Le 30 septembre 2016, Mme Leborgne, professeur documentaliste au lycée Fustel de Coulanges,nous faisait découvrir l’univers ZEBROCK. Drôle de nom : Zèbre Rock ? Ze Brock (lisez « the Brok ») ?
Hum., hum… Intéressant ! Même si nous avions organisé notre progression musicale et artistique avec les élèves historiens des Arts, peut-être valait-il la peine d’aller explorer l’univers de ces drôles d’oiseaux… Leur projet, d’ailleurs, qui consiste à sensibiliser les jeunes gens au fait que la musique qu’ils écoutent n’est pas née avec eux, mais qu’elle résulte d’une lente gestation, musicale mais avant tout sociale, cadrait bien avec la mission de notre option, laquelle propose une histoire « des arts » (dezart, dirait peut-être Zebrock).
Ainsi nous sommes-nous plongés dans l’aventure.  Avec notre groupe de jeunes, nous avons sélectionné parmi la playlist proposée, d’abord trois puis seulement deux œuvres musicales : nous avions retenu d’abord Robert Johnson, Billie Holiday et Bob Dylan. Nous n’avons conservé finalement que les deux derniers pour des raisons plus culturelles qu’artistiques.

Expliquons-nous ! Strange Fruit (1939), de Mademoiselle Holiday, méritait qu’on s’y arrête, qu’on se renseigne sur le contexte historique et politique de la chanson, puis qu’on médite : paroles, musique et images ; ou plutôt, images, paroles et musique, voire images et vécu, musique et parole, sans « –s » cette fois. A l’étude, nous avons mesuré la dimension de la musique : elle fait plus qu’accompagner un chant, elle fait vivre une histoire, ici une histoire de peuple et une histoire personnelle, tragique. La musique et la voix décuplent l’émotion et le sentiment d’écœurement que nous ressentons envers une certaine sorte d’humanité, monstrueuse. En effet, Strange fruit dénonce  les lynchages subis par les  afro-américains aux États-Unis durant la ségrégation de 1865 à 1960 (ils étaient pendus aux arbres voire brûlés dans le Sud). Après cela l’amour perdu de R. Johnson pouvait paraître léger. En tous cas, il nous semblait un peu dérisoire.
Le choix de Bob Dylan, quant à lui, était au départ opportuniste.
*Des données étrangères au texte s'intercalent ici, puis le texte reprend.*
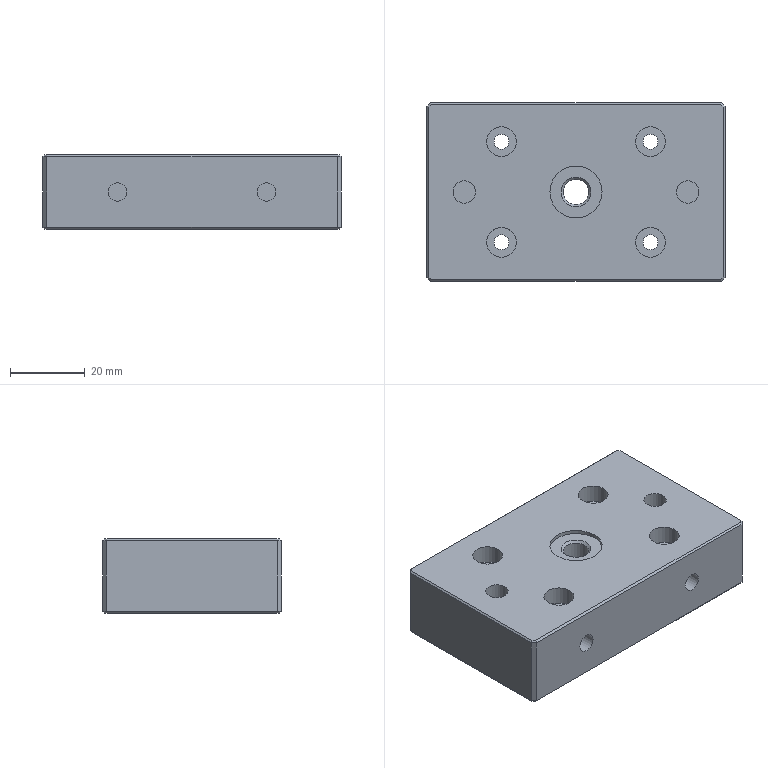Component | NX | ROBOT_CONN_PLATE | 1 solid | 65 faces | volume 72833 mm3 | plane 39 | cylinder 20 | cone 6 | commonest cylinder face diameters 8 x4 4 x4 5 x4 6 x2 6.5 x2 2.5 x2 14 x1 6.8 x1

Monsieur Dylan avait reçu le prix Nobel, n’était-ce pas l’occasion de le faire connaître ?

Il s’est avéré que Blowin’in the wind , première « protest song » de Dylan, paraît-il, faisait résonance avec Strange Fruit, puisque derrière les mots de Dylan on peut mettre tous les maux dont on peut tenir l’humanité responsable, en particulier l’indifférence, l’individualisme face à des faits politiques graves comme la ségrégation raciale et la poursuite vaine de la guerre au Viet Nâm.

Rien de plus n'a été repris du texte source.